Antec Scientific Analyzers in Pharma

The QC testing of drug compounds is performed on a worldwide scale by pharmaceutical companies, contract research labs (CRO) and various other institutions. Regulatory requirements are broader and more stringent than ever before and will only increase to protect human and nature. With the Current Good Manufacturing Practices (cGMPs) for human pharmaceuticals quality standards are set to insure product quality and safety. Adherence to the cGMP regulations assures the identity, strength, quality, and purity of drug products by requiring that manufacturers of medications adequately control manufacturing operations. Reproducible, reliable and robust methods of analysis play a vital role in regulatory compliance.

Antec Scientific ALEXYS Analyzers are used worldwide to meet USP and EP regulatory and safety standards for a broad range of compounds. Dedicated Analyzers have been developed offering exceptional sensitivity, selectivity, and throughput for aminoglycoside and macrolide antibiotics, (di-) sulfides, glycoproteins, carbohydrates and many other pharmaceuticals.

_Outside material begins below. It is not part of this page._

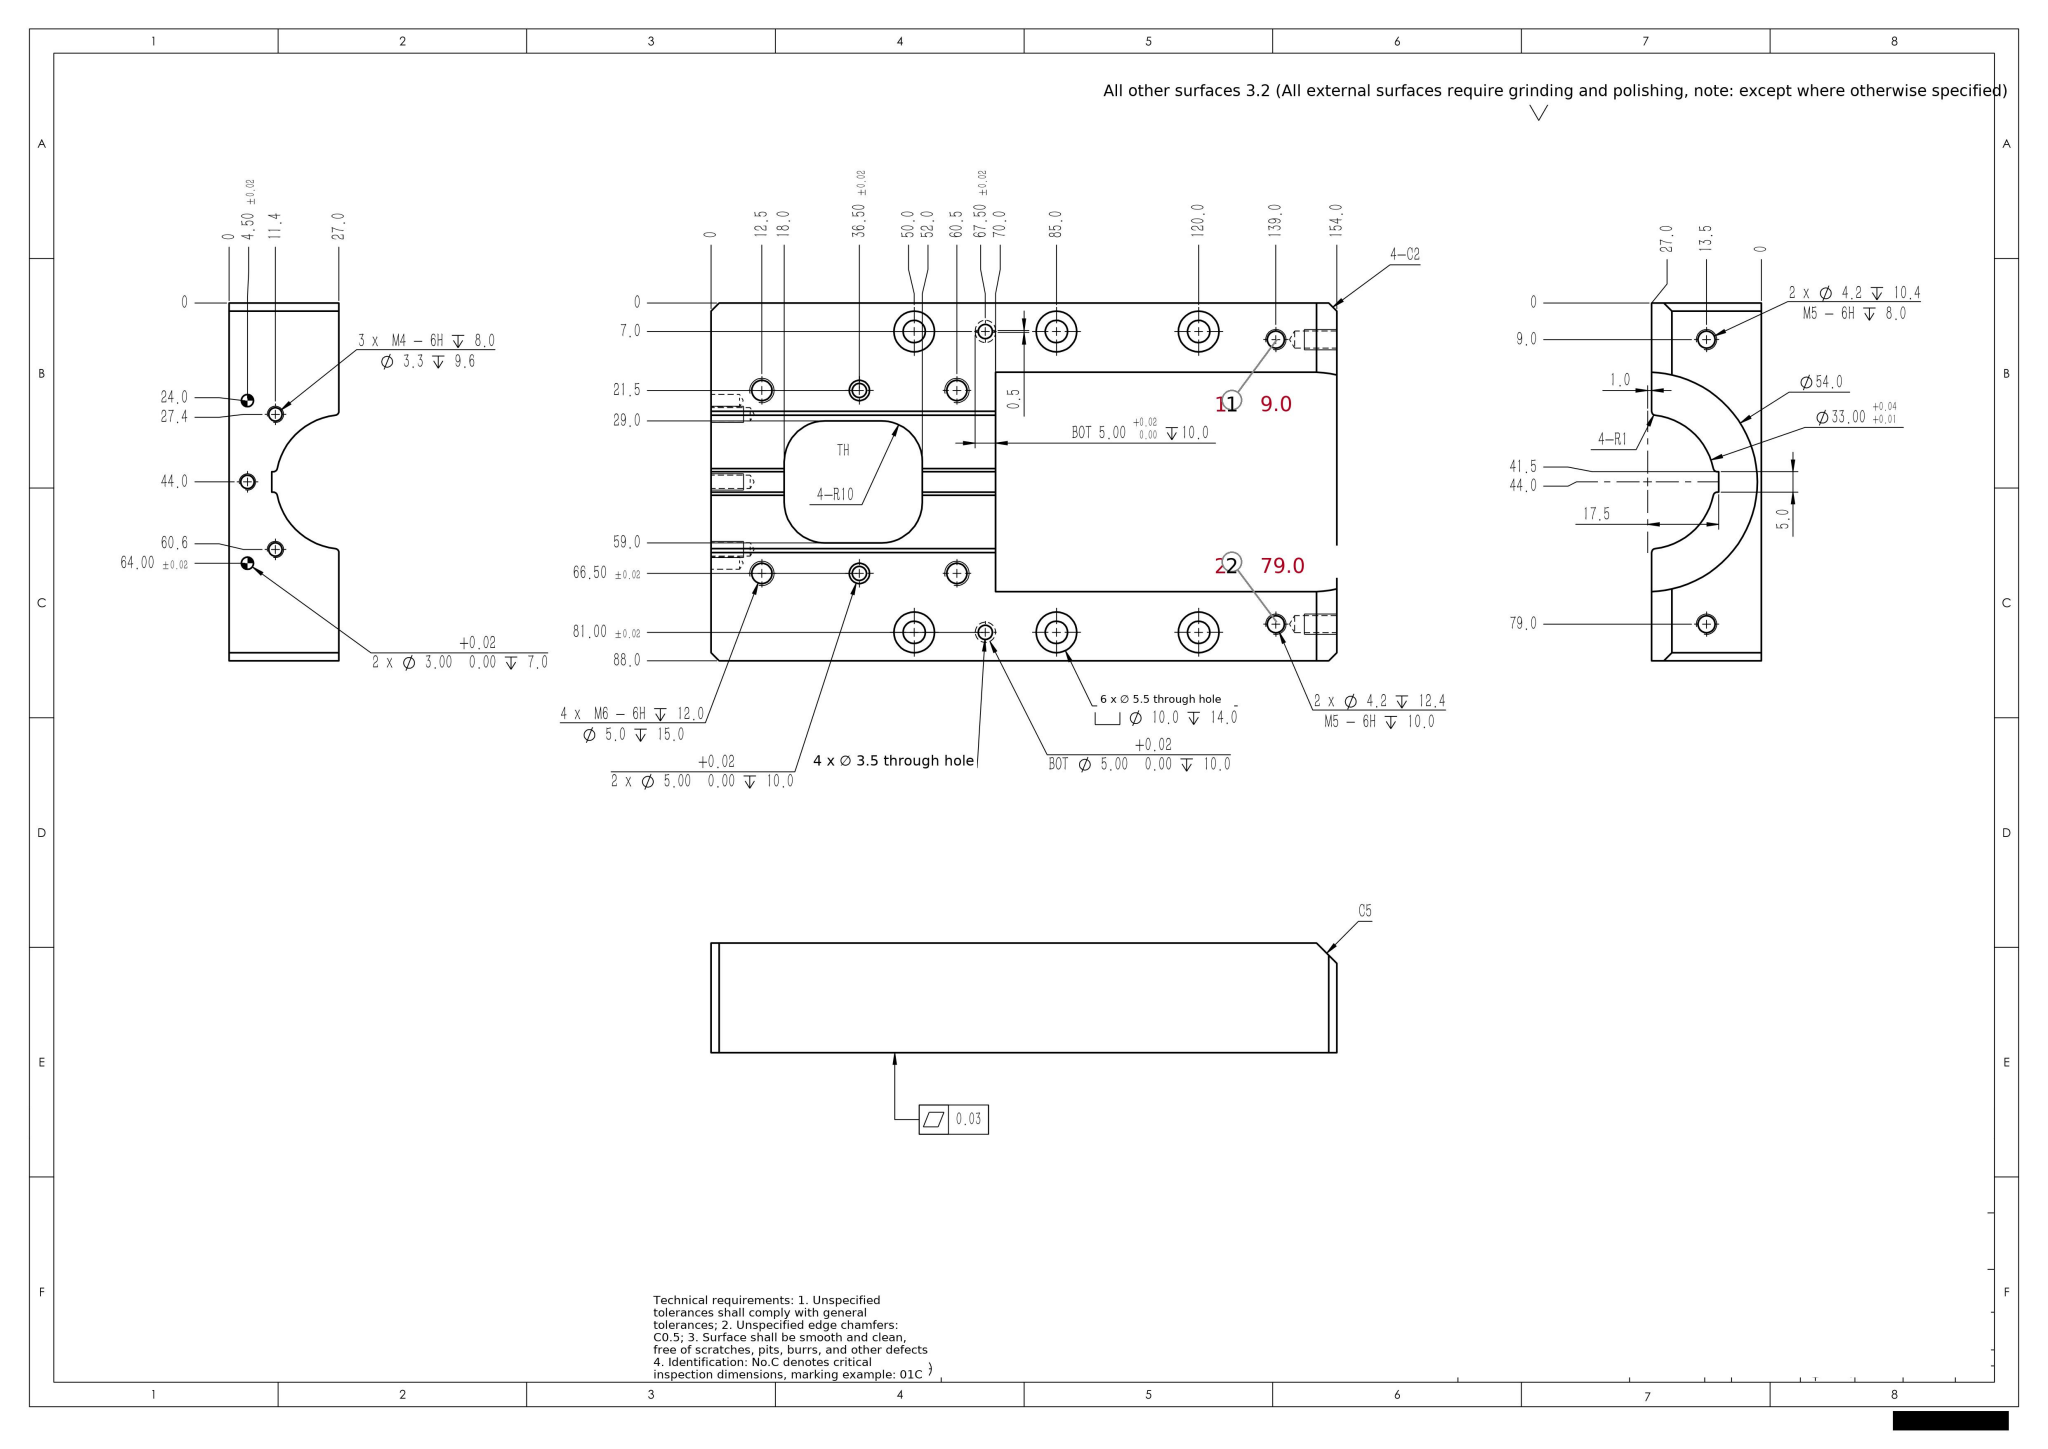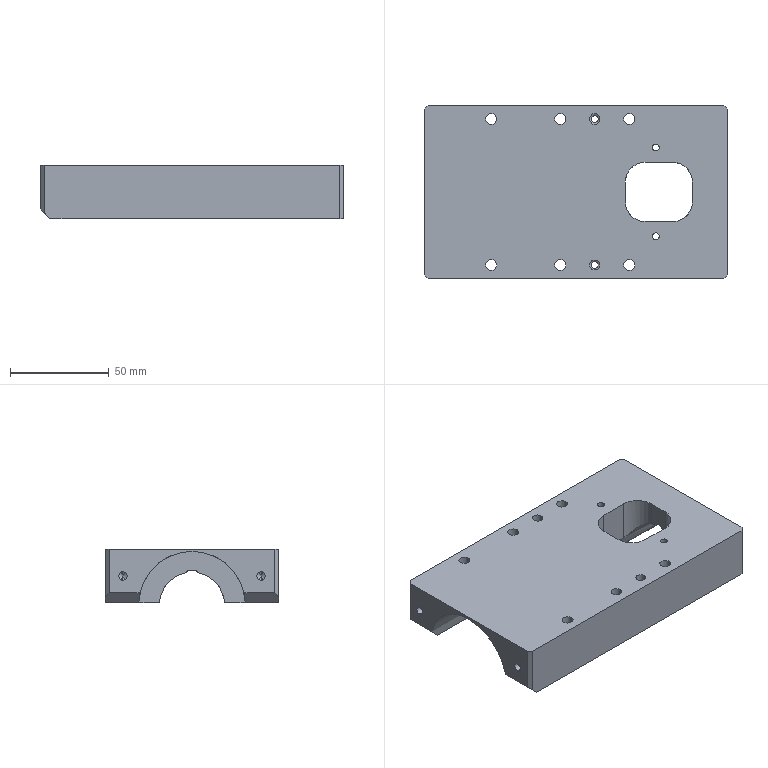Part | SolidWorks | mm | 1 solid | 148 faces | box 154 x 88 x 27 mm | volume 220663 mm3 | cylinder 80 | cone 34 | plane 34 | commonest cylinder face diameters 5 x16 10 x12 5.5 x12 4.2 x8 3.5 x8 3.3 x6 2 x6 3 x4

See applications: pharmaceuticals and aminoglycoside antibiotics …..

Drug metabolism

One of the many steps in drug development is the investigation of the metabolic clearance of a drug candidate from the body. Most xenobiotics are metabolized in the liver and excreted from the body in urine. However, there is a thin line between drug metabolism and toxicity. This became clear with the tragic events following thalidomide prescriptions for treatment of morning sickness (nausea) in pregnant women in the late 1950’s. Nowadays, ADME studies (absorption, distribution, metabolism, excretion) play a key role in preclinical trajectory of drug development. The fear of approving a drug that could cause birth defects or cancer has dominated US FDA policy to this day.

Cytochrome P450 (P450) enzymes in the liver play an important role in the metabolic process. Reaction mechanisms are based on oxidation reactions including deamination, N-dealkylation, O-dealkylation, sulfoxidation, and hydroxylation of alkyl groups and aromatic rings. Traditionally drug metabolism studies are based on incubation of the drug with liver cells, also known as microsomes.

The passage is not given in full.